The prefix (1, 3, bc1q, bc1p) reveals the script. Nodes don’t see ‘addresses’—only scripts.
Later chapters focus on what matters: the scriptPubKey behind each address type. That’s where the logic lives—Bitcoin Script and programmability. Infer the script behind an address to understand how it’s spent.
Derivation Model#
Understanding the full derivation from private key to address is important. The diagram shows the flow from private key to on-chain script. Users see addresses; developers must trace each step to understand how Bitcoin verifies ownership and spends.

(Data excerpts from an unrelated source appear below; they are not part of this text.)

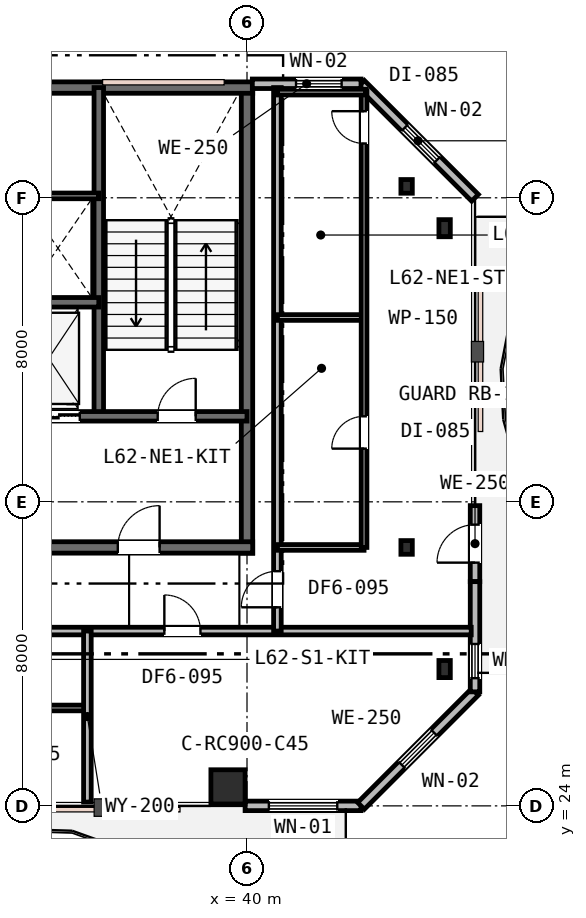
"""IFC4 building model, lengths in metres.
Left out: names, types, materials, properties, quantities, classifications, styles, units other than length and angle.
Written with IfcOpenShell. Run it as: python <this file> out.ifc"""

import sys

from ifc_helpers import new_model, si_unit, direction, frame, frame_2d, origin, origin_2d, place, context, subcontext, project, spatial, rectangle, i_section, extrude, element, fill, save


model = new_model("IFC4")
c1 = context("Model", 3, precision=1e-05, world=origin(), true_north=direction((0.0, 1.0)))
c2 = subcontext(c1, "Body", "Model", "MODEL_VIEW")
j1 = project(units=[si_unit("LENGTHUNIT", "METRE"), si_unit("PLANEANGLEUNIT", "RADIAN")], contexts=[c1])
p1 = place(None, origin())
s1 = spatial("IfcSite", under=j1, at=p1, CompositionType="ELEMENT")
p2 = place(p1, origin())
s2 = spatial("IfcBuilding", under=s1, at=p2, CompositionType="ELEMENT")
p3 = place(p2, frame((0.0, 0.0, 241.2)))
s3 = spatial("IfcBuildingStorey", under=s2, at=p3, CompositionType="ELEMENT", Elevation=241.2)
p4 = place(p3, frame((40.0, 30.65, 0.0), z_axis=(0.0, 0.0, 1.0), x_axis=(0.0, 1.0, 0.0)))
e1 = element("IfcWall", 1, at=p4, inside=s3, PredefinedType="SHEAR", context=c2, shape_type="SweptSolid", body=[
    extrude(rectangle(XDim=12.3, YDim=0.3, at=frame_2d((6.15, 0.0))), origin(), (0.0, 0.0, 1.0), 3.8),
])
p5 = place(p3, frame((15.85, 42.9, 0.0), z_axis=(0.0, 0.0, 1.0), x_axis=(1.0, 0.0, 0.0)))
e2 = element("IfcWall", 2, at=p5, inside=s3, PredefinedType="SHEAR", context=c2, shape_type="SweptSolid", body=[
    extrude(rectangle(XDim=24.3, YDim=0.3, at=frame_2d((12.15, 0.0))), origin(), (0.0, 0.0, 1.0), 3.8),
])
p6 = place(p3, frame((28.95, 30.8, 0.0), z_axis=(0.0, 0.0, 1.0), x_axis=(1.0, 0.0, 0.0)))
e3 = element("IfcWall", 3, at=p6, inside=s3, PredefinedType="SHEAR", context=c2, shape_type="SweptSolid", body=[
    extrude(rectangle(XDim=11.2, YDim=0.3, at=frame_2d((5.6, 0.0))), origin(), (0.0, 0.0, 1.0), 3.8),
])
p7 = place(p6, frame((7.65, 0.0, 0.0)))
e4 = element("IfcOpeningElement", 4, at=p7, cuts=e3, PredefinedType="OPENING", context=c2, shape_type="SweptSolid", body=[
    extrude(rectangle(XDim=1.1, YDim=2.15, at=frame_2d((0.55, 1.075))), frame((0.0, 0.16, 0.0), z_axis=(0.0, -1.0, 0.0), x_axis=(1.0, 0.0, 0.0)), (0.0, 0.0, 1.0), 0.32),
])
p8 = place(p3, frame((36.1, 34.25, 0.0), z_axis=(0.0, 0.0, 1.0), x_axis=(0.0, 1.0, 0.0)))
e5 = element("IfcWall", 5, at=p8, inside=s3, PredefinedType="SHEAR", context=c2, shape_type="SweptSolid", body=[
    extrude(rectangle(XDim=8.65, YDim=0.25, at=frame_2d((4.325, 0.0))), origin(), (0.0, 0.0, 1.0), 3.8),
])
p9 = place(p3, frame((33.95, 34.25, 0.0), z_axis=(0.0, 0.0, 1.0), x_axis=(1.0, 0.0, 0.0)))
e6 = element("IfcWall", 6, at=p9, inside=s3, PredefinedType="SHEAR", context=c2, shape_type="SweptSolid", body=[
    extrude(rectangle(XDim=6.05, YDim=0.25, at=frame_2d((3.025, 0.0))), origin(), (0.0, 0.0, 1.0), 3.8),
])
p10 = place(p9, frame((3.7, 0.0, 0.0)))
e7 = element("IfcOpeningElement", 7, at=p10, cuts=e6, PredefinedType="OPENING", context=c2, shape_type="SweptSolid", body=[
    extrude(rectangle(XDim=1.0, YDim=2.15, at=frame_2d((0.5, 1.075))), frame((0.0, 0.135, 0.0), z_axis=(0.0, -1.0, 0.0), x_axis=(1.0, 0.0, 0.0)), (0.0, 0.0, 1.0), 0.27),
])
p11 = place(p9, frame((0.55, 0.0, 0.0)))
e8 = element("IfcOpeningElement", 8, at=p11, cuts=e6, PredefinedType="OPENING", context=c2, shape_type="SweptSolid", body=[
    extrude(rectangle(XDim=1.1, YDim=2.15, at=frame_2d((0.55, 1.075))), frame((0.0, 0.135, 0.0), z_axis=(0.0, -1.0, 0.0), x_axis=(1.0, 0.0, 0.0)), (0.0, 0.0, 1.0), 0.27),
])
p12 = place(p3, frame((19.9, 37.25, 0.0), z_axis=(0.0, 0.0, 1.0), x_axis=(1.0, 0.0, 0.0)))
e9 = element("IfcWall", 9, at=p12, inside=s3, PredefinedType="SHEAR", context=c2, shape_type="SweptSolid", body=[
    extrude(rectangle(XDim=16.2, YDim=0.25, at=frame_2d((8.1, 0.0))), origin(), (0.0, 0.0, 1.0), 3.8),
])
p13 = place(p12, frame((12.55, 0.0, 0.0)))
e10 = element("IfcOpeningElement", 10, at=p13, cuts=e9, PredefinedType="OPENING", context=c2, shape_type="SweptSolid", body=[
    extrude(rectangle(XDim=0.9, YDim=2.15, at=frame_2d((0.45, 1.075))), frame((0.0, 0.135, 0.0), z_axis=(0.0, -1.0, 0.0), x_axis=(1.0, 0.0, 0.0)), (0.0, 0.0, 1.0), 0.27),
])
p14 = place(p12, frame((2.5, 0.0, 0.0)))
e11 = element("IfcOpeningElement", 11, at=p14, cuts=e9, PredefinedType="OPENING", context=c2, shape_type="SweptSolid", body=[
    extrude(rectangle(XDim=1.05, YDim=2.15, at=frame_2d((0.525, 1.075))), frame((0.0, 0.135, 0.0), z_axis=(0.0, -1.0, 0.0), x_axis=(1.0, 0.0, 0.0)), (0.0, 0.0, 1.0), 0.27),
])
p15 = place(p12, frame((4.4, 0.0, 0.0)))
e12 = element("IfcOpeningElement", 12, at=p15, cuts=e9, PredefinedType="OPENING", context=c2, shape_type="SweptSolid", body=[
    extrude(rectangle(XDim=1.05, YDim=2.15, at=frame_2d((0.525, 1.075))), frame((0.0, 0.135, 0.0), z_axis=(0.0, -1.0, 0.0), x_axis=(1.0, 0.0, 0.0)), (0.0, 0.0, 1.0), 0.27),
])
p16 = place(p12, frame((6.3, 0.0, 0.0)))
e13 = element("IfcOpeningElement", 13, at=p16, cuts=e9, PredefinedType="OPENING", context=c2, shape_type="SweptSolid", body=[
    extrude(rectangle(XDim=1.05, YDim=2.15, at=frame_2d((0.525, 1.075))), frame((0.0, 0.135, 0.0), z_axis=(0.0, -1.0, 0.0), x_axis=(1.0, 0.0, 0.0)), (0.0, 0.0, 1.0), 0.27),
])
p17 = place(p3, frame((39.5, 24.5, 0.0), z_axis=(0.0, 0.0, 1.0), x_axis=(1.0, 0.0, 0.0)))
e14 = element("IfcColumn", 14, at=p17, inside=s3, PredefinedType="COLUMN", context=c2, shape_type="SweptSolid", body=[
    extrude(rectangle(XDim=0.9, YDim=0.9, at=origin_2d()), origin(), (0.0, 0.0, 1.0), 3.8),
])
for number, where, z_axis, x_axis in (
    (15, (45.2, 27.6, 0.0), (0.0, 0.0, 1.0), (1.0, 0.0, 0.0)),
    (16, (45.2, 39.2, 0.0), (0.0, 0.0, 1.0), (1.0, 0.0, 0.0)),
):
    element("IfcColumn", number, at=place(p3, frame(where, z_axis=z_axis, x_axis=x_axis)), inside=s3, PredefinedType="COLUMN", context=c2, shape_type="SweptSolid", body=[
        extrude(i_section(OverallWidth=0.3, OverallDepth=0.45, WebThickness=0.014, FlangeThickness=0.026, FilletRadius=0.027, at=origin_2d()), origin(), (0.0, 0.0, 1.0), 3.8),
    ])
for number, where, z_axis, x_axis in (
    (17, (44.2, 30.8, 0.0), (0.0, 0.0, 1.0), (1.0, 0.0, 0.0)),
    (18, (44.2, 40.3, 0.0), (0.0, 0.0, 1.0), (1.0, 0.0, 0.0)),
):
    element("IfcColumn", number, at=place(p3, frame(where, z_axis=z_axis, x_axis=x_axis)), inside=s3, PredefinedType="COLUMN", context=c2, shape_type="SweptSolid", body=[
        extrude(i_section(OverallWidth=0.3, OverallDepth=0.36, WebThickness=0.013, FlangeThickness=0.022, FilletRadius=0.027, at=origin_2d()), origin(), (0.0, 0.0, 1.0), 3.8),
    ])
p18 = place(p3, frame((39.95, 24.0, 0.0), z_axis=(0.0, 0.0, 1.0), x_axis=(1.0, 0.0, 0.0)))
e19 = element("IfcWall", 19, at=p18, inside=s3, PredefinedType="STANDARD", context=c2, shape_type="SweptSolid", body=[
    extrude(rectangle(XDim=3.05, YDim=0.25, at=frame_2d((1.525, 0.0))), origin(), (0.0, 0.0, 1.0), 3.53),
])
p19 = place(p18, frame((0.625, 0.0, 0.75)))
e20 = element("IfcOpeningElement", 20, at=p19, cuts=e19, PredefinedType="OPENING", context=c2, shape_type="SweptSolid", body=[
    extrude(rectangle(XDim=1.8, YDim=1.85, at=frame_2d((0.9, 0.925))), frame((0.0, 0.135, 0.0), z_axis=(0.0, -1.0, 0.0), x_axis=(1.0, 0.0, 0.0)), (0.0, 0.0, 1.0), 0.27),
])
p20 = place(p3, frame((43.0, 24.0, 0.0), z_axis=(0.0, 0.0, 1.0), x_axis=(0.707106781187, 0.707106781187, 0.0)))
e21 = element("IfcWall", 21, at=p20, inside=s3, PredefinedType="STANDARD", context=c2, shape_type="SweptSolid", body=[
    extrude(rectangle(XDim=4.243, YDim=0.25, at=frame_2d((2.121, 0.0))), origin(), (0.0, 0.0, 1.0), 3.53),
])
p21 = place(p20, frame((1.521, 0.0, 0.85)))
e22 = element("IfcOpeningElement", 22, at=p21, cuts=e21, PredefinedType="OPENING", context=c2, shape_type="SweptSolid", body=[
    extrude(rectangle(XDim=1.2, YDim=1.6, at=frame_2d((0.6, 0.8))), frame((0.0, 0.135, 0.0), z_axis=(0.0, -1.0, 0.0), x_axis=(1.0, 0.0, 0.0)), (0.0, 0.0, 1.0), 0.27),
])
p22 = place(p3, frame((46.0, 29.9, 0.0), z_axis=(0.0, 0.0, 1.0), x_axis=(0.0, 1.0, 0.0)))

Figure 1-4: Full derivation model from private key to address
Private Key (k)
↓ ECDSA multiplication
Public Key (x, y)
↓ SHA256 + RIPEMD160
Public Key Hash (20 bytes)
↓ Version + Checksum + Encoding
Address (Base58/Bech32)
↓ Decoded by wallet/node
ScriptPubKey (locking script on-chain)
Security properties:
Forward: Each step is quick to compute
Reverse: Each step is infeasible to reverse
Collision resistance: Different pubkeys producing same address is negligible
Practical Implications for Taproot#
As we’ll see, Taproot builds on these foundations:
X-only public keys: Save space, enable key aggregation
Bech32m encoding: Better error detection
Unified address appearance: Multi-sig and single-sig look identical—better privacy
Mastering these encodings and key formats prepares you for Taproot’s advanced features—multiple spending conditions can hide in one address.
Chapter Summary#
This chapter covered Bitcoin’s cryptographic foundation:
✅ Private keys are 256-bit random numbers, WIF-encoded for import/export
✅ Public keys are elliptic curve points; compressed format is standard
✅ Addresses are encoded hashes of public keys, not pubkeys themselves
✅ Different address types use different encodings: Base58Check, Bech32, Bech32m
✅ Taproot introduces x-only pubkeys and Bech32m for greater efficiency
These components—keys, hashes, encodings—are what Bitcoin Script operates on. Next chapter: how they work with Bitcoin Script—the language that defines spending conditions and underpins Taproot.